Maintenant, vous ne la verrez plus.
C'était la fin des apparitions.
En
novembre 1830, lors de la 2ème apparition,
Marie avait demandé la frappe d’une médaille qui
représenterait la deuxième vision, et portant ces mots:
Ô Marie conçue sans péché, priez pour nous qui avons
recours à vous. Un mois plus tard, le 30 janvier
1831, Catherine prononçait ses vœux et revêtait l’habit
des filles de Saint Vincent. Seul, le Père Aladel, son
confesseur, connaissait son secret, car la Sainte Vierge
lui avait demandé de garder l’anonymat jusqu’à la fin.
Comme la Sainte Vierge le lui avait demandé, Catherine
qui avait raconta ces faits à son confesseur, le Père
Aladel, et à lui seul, lui fit part des requêtes de la
Sainte Vierge. Le Père Aladel les accueillit fort mal,
et interdit à Catherine d'y penser. Le choc fut rude.
Mais après les émeutes des Trois Glorieuses, les 27, 28
et 29 juillet 1830, qui mettront fin au règne de Charles
X, le confesseur de Catherine commencera, au vu des
événements, à la prendre au sérieux.
Après deux ans d'enquête et d'observation de la conduite
de Catherine, le Père Aladel informa l'archevêque de
Paris, sans lui révéler l'identité de Catherine. La
requête fut approuvée et les médailles furent frappées
et devinrent extrêmement populaires, notamment durant
l'épidémie de choléra de 1832.
En
quelques années, ces médailles réalisées en 1832,
allaient faire tant de miracles (guérisons,
conversions), -le curé d’Ars lui-même avait mis sa
paroisse sous le patronage de cette médaille de Marie-
que très vite on la nomma la médaille miraculeuse. Lors
de l'épidémie de choléra à Paris, on en avait distribué
des milliers. En Italie, c’est la "Vierge de la
médaille" qui convertit Alphonse Ratisbonne.
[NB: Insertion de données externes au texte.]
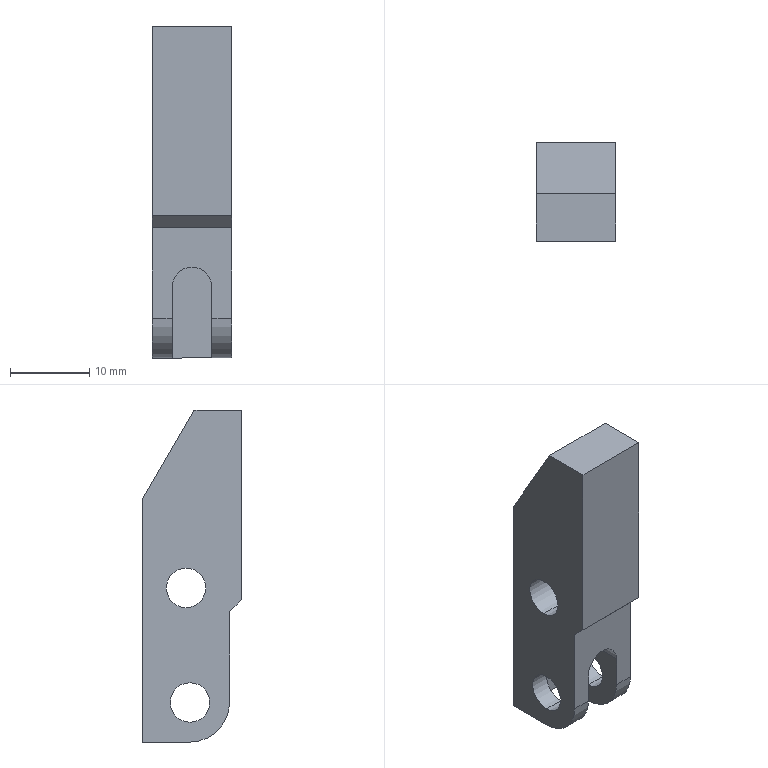Component | SolidWorks | LeverHydraulicRod22-1_HLKA-22_-1-1 | 1 solid | 21 faces | box 10 x 12.5 x 42 mm | volume 3756 mm3 | plane 12 | cylinder 9 | commonest cylinder face diameters 5 x7 10 x2
STEP:
#1=COLOUR_RGB('',0.7922,0.8196,0.9333);
#2=FILL_AREA_STYLE_COLOUR('',#1);
#3=FILL_AREA_STYLE('',(#2));
#4=SURFACE_STYLE_FILL_AREA(#3);
#5=SURFACE_SIDE_STYLE('',(#4));
#6=SURFACE_STYLE_USAGE(.BOTH.,#5);
#7=PRESENTATION_STYLE_ASSIGNMENT((#6));
#8=CARTESIAN_POINT('',(-2.465,4.49,-3.15));
#9=VERTEX_POINT('',#8);
#10=CARTESIAN_POINT('',(-2.465,4.49,-2.953));
#11=VERTEX_POINT('',#10);
#12=CARTESIAN_POINT('',(-2.465,4.49,-3.051));
#13=DIRECTION('',(-1.,-0.,-0.));
#14=DIRECTION('',(0.,0.,1.));
#15=AXIS2_PLACEMENT_3D('',#12,#13,#14);
#16=CIRCLE('',#15,0.09843);
#17=EDGE_CURVE('',#9,#11,#16,.T.);
#18=ORIENTED_EDGE('',*,*,#17,.F.);
#19=CARTESIAN_POINT('',(-2.859,4.49,-3.15));
#20=VERTEX_POINT('',#19);
#21=CARTESIAN_POINT('',(-2.387,4.49,-3.15));
#22=DIRECTION('',(-1.,-0.,-0.));
#23=VECTOR('',#22,39.37);
#24=LINE('',#21,#23);
#25=EDGE_CURVE('',#9,#20,#24,.T.);
#26=ORIENTED_EDGE('',*,*,#25,.T.);
#27=CARTESIAN_POINT('',(-2.859,4.49,-2.953));
#28=VERTEX_POINT('',#27);
#29=CARTESIAN_POINT('',(-2.859,4.49,-3.051));
#30=DIRECTION('',(-1.,-0.,-0.));
#31=DIRECTION('',(0.,0.,1.));
#32=AXIS2_PLACEMENT_3D('',#29,#30,#31);
#33=CIRCLE('',#32,0.09843);
#34=EDGE_CURVE('',#20,#28,#33,.T.);
#35=ORIENTED_EDGE('',*,*,#34,.T.);
#36=CARTESIAN_POINT('',(-2.387,4.49,-2.953));
#37=DIRECTION('',(-1.,-0.,-0.));
#38=VECTOR('',#37,39.37);
#39=LINE('',#36,#38);
#40=EDGE_CURVE('',#11,#28,#39,.T.);
#41=ORIENTED_EDGE('',*,*,#40,.F.);
#42=EDGE_LOOP('',(#18,#26,#35,#41));
#43=FACE_OUTER_BOUND('',#42,.T.);
#44=CARTESIAN_POINT('',(-2.387,4.49,-3.051));
#45=DIRECTION('',(-1.,-0.,-0.));
#46=DIRECTION('',(-0.,0.,1.));
#47=AXIS2_PLACEMENT_3D('',#44,#45,#46);
#48=CYLINDRICAL_SURFACE('',#47,0.09843);
#49=ADVANCED_FACE('',(#43),#48,.F.);
#50=CARTESIAN_POINT('',(-2.465,4.47,-3.72));
#51=VERTEX_POINT('',#50);
#52=CARTESIAN_POINT('',(-2.465,4.47,-3.524));
#53=VERTEX_POINT('',#52);
#54=CARTESIAN_POINT('',(-2.465,4.47,-3.622));
#55=DIRECTION('',(-1.,-0.,-0.));
#56=DIRECTION('',(0.,0.,1.));
#57=AXIS2_PLACEMENT_3D('',#54,#55,#56);
#58=CIRCLE('',#57,0.09843);
#59=EDGE_CURVE('',#51,#53,#58,.T.);
#60=ORIENTED_EDGE('',*,*,#59,.F.);
#61=CARTESIAN_POINT('',(-2.564,4.47,-3.72));
#62=VERTEX_POINT('',#61);
#63=CARTESIAN_POINT('',(-2.387,4.47,-3.72));
#64=DIRECTION('',(-1.,-0.,-0.));
#65=VECTOR('',#64,39.37);
#66=LINE('',#63,#65);
#67=EDGE_CURVE('',#51,#62,#66,.T.);
#68=ORIENTED_EDGE('',*,*,#67,.T.);
#69=CARTESIAN_POINT('',(-2.564,4.47,-3.524));
#70=VERTEX_POINT('',#69);
#71=CARTESIAN_POINT('',(-2.564,4.47,-3.622));
#72=DIRECTION('',(-1.,-0.,-0.));
#73=DIRECTION('',(0.,0.,-1.));
#74=AXIS2_PLACEMENT_3D('',#71,#72,#73);
#75=CIRCLE('',#74,0.09843);
#76=EDGE_CURVE('',#62,#70,#75,.T.);
#77=ORIENTED_EDGE('',*,*,#76,.T.);
#78=CARTESIAN_POINT('',(-2.387,4.47,-3.524));
#79=DIRECTION('',(-1.,-0.,-0.));
#80=VECTOR('',#79,39.37);
#81=LINE('',#78,#80);
#82=EDGE_CURVE('',#53,#70,#81,.T.);
#83=ORIENTED_EDGE('',*,*,#82,.F.);
#84=EDGE_LOOP('',(#60,#68,#77,#83));
#85=FACE_OUTER_BOUND('',#84,.T.);
#86=CARTESIAN_POINT('',(-2.387,4.47,-3.622));
#87=DIRECTION('',(-1.,-0.,-0.));
#88=DIRECTION('',(-0.,0.,1.));
#89=AXIS2_PLACEMENT_3D('',#86,#87,#88);
#90=CYLINDRICAL_SURFACE('',#89,0.09843);
#91=ADVANCED_FACE('',(#85),#90,.F.);
#92=CARTESIAN_POINT('',(-2.761,4.47,-3.524));
#93=VERTEX_POINT('',#92);
#94=CARTESIAN_POINT('',(-2.761,4.47,-3.72));
#95=VERTEX_POINT('',#94);
#96=CARTESIAN_POINT('',(-2.761,4.47,-3.622));
#97=DIRECTION('',(1.,0.,0.));
#98=DIRECTION('',(0.,0.,1.));
#99=AXIS2_PLACEMENT_3D('',#96,#97,#98);
#100=CIRCLE('',#99,0.09843);
#101=EDGE_CURVE('',#93,#95,#100,.T.);
#102=ORIENTED_EDGE('',*,*,#101,.T.);
#103=CARTESIAN_POINT('',(-2.859,4.47,-3.72));
#104=VERTEX_POINT('',#103);
#105=CARTESIAN_POINT('',(-2.387,4.47,-3.72));
#106=DIRECTION('',(-1.,-0.,-0.));
#107=VECTOR('',#106,39.37);
#108=LINE('',#105,#107);
#109=EDGE_CURVE('',#95,#104,#108,.T.);
#110=ORIENTED_EDGE('',*,*,#109,.T.);
#111=CARTESIAN_POINT('',(-2.859,4.47,-3.524));
#112=VERTEX_POINT('',#111);
#113=CARTESIAN_POINT('',(-2.859,4.47,-3.622));
#114=DIRECTION('',(-1.,-0.,-0.));
#115=DIRECTION('',(0.,0.,1.));
#116=AXIS2_PLACEMENT_3D('',#113,#114,#115);
#117=CIRCLE('',#116,0.09843);
#118=EDGE_CURVE('',#104,#112,#117,.T.);
#119=ORIENTED_EDGE('',*,*,#118,.T.);
#120=CARTESIAN_POINT('',(-2.387,4.47,-3.524));
#121=DIRECTION('',(-1.,-0.,-0.));
#122=VECTOR('',#121,39.37);
#123=LINE('',#120,#122);
#124=EDGE_CURVE('',#93,#112,#123,.T.);
#125=ORIENTED_EDGE('',*,*,#124,.F.);
#126=EDGE_LOOP('',(#102,#110,#119,#125));
#127=FACE_OUTER_BOUND('',#126,.T.);
#128=CARTESIAN_POINT('',(-2.387,4.47,-3.622));
#129=DIRECTION('',(-1.,-0.,-0.));
#130=DIRECTION('',(-0.,0.,1.));
#131=AXIS2_PLACEMENT_3D('',#128,#129,#130);
#132=CYLINDRICAL_SURFACE('',#131,0.09843);
#133=ADVANCED_FACE('',(#127),#132,.F.);
#134=CARTESIAN_POINT('',(-2.761,4.274,-3.465));
#135=VERTEX_POINT('',#134);
#136=CARTESIAN_POINT('',(-2.761,4.274,-3.622));
#137=VERTEX_POINT('',#136);
#138=CARTESIAN_POINT('',(-2.761,4.274,-3.914));
#139=DIRECTION('',(0.,-0.,-1.));
#140=VECTOR('',#139,39.37);
#141=LINE('',#138,#140);
#142=EDGE_CURVE('',#135,#137,#141,.T.);
#143=ORIENTED_EDGE('',*,*,#142,.F.);
#144=CARTESIAN_POINT('',(-2.564,4.274,-3.465));
#145=VERTEX_POINT('',#144);
#146=CARTESIAN_POINT('',(-2.662,4.274,-3.465));
#147=DIRECTION('',(-0.,-1.,0.));
#148=DIRECTION('',(-1.,0.,0.));
#149=AXIS2_PLACEMENT_3D('',#146,#147,#148);
#150=CIRCLE('',#149,0.09843);
#151=EDGE_CURVE('',#145,#135,#150,.T.);
#152=ORIENTED_EDGE('',*,*,#151,.F.);
#153=CARTESIAN_POINT('',(-2.564,4.274,-3.622));
#154=VERTEX_POINT('',#153);
#155=CARTESIAN_POINT('',(-2.564,4.274,-3.914));
#156=DIRECTION('',(-0.,0.,1.));
#157=VECTOR('',#156,39.37);
#158=LINE('',#155,#157);
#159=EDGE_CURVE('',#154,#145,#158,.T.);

Dans le
monde entier, en moins de dix ans, des millions de
médailles furent distribuées.
Remarques concernant l'Histoire:
Lors
des apparitions, la Vierge Marie avait en outre demandé
à Catherine de fonder une confrérie d’enfants de Marie.
En 1837, les Filles de la Charité et les Lazaristes
répondirent à ce vœu en fondant les Enfants de Marie
Immaculée.
La
doctrine de l'Immaculée Conception n'était pas encore
officielle, mais la médaille avec les mots: "Ô Marie,
conçue sans péché" émut le pape Pie IX qui fit
proclamer, le 8 décembre 1854, le dogme de l'Immaculée
Conception. Et, en 1858, à Lourdes la Vierge Marie se
présentait à Bernadette Soubirous par ces mots: "Je
suis l'Immaculée Conception."
Maintenant nous devons continuer l'histoire personnelle
de Catherine Labouré. Lorsqu'elle eut prononcé ses vœux,
sœur Catherine fut affectée à Reuilly, près de Picpus,
faubourg déshérité du sud-est de Paris. Là elle sera
garde-malade, cuisinière, fermière et jardinière,
jusqu'à la fin de sa vie, dans l'incognito le plus
total, tandis que la médaille se répandait
miraculeusement dans le monde entier…
Il
n'y a plus rien de miraculeux dans la vie humble de
Catherine Labouré. Pourtant, en mars 1848, pendant la
Commune, Catherine portera à bout de bras l’hospice que
la plupart des sœurs avaient été obligées de fuir. Elle
ira distribuer la médaille de la Vierge jusque sur les
barricades. Lorsqu’elle apprit que les insurgés avaient
saccagé l’église Notre-Dame-des-Victoires, elle déclara:
"Ils ont touché à Notre-Dame; ils n’iront pas plus
loin". Au printemps suivant, la rébellion tombait.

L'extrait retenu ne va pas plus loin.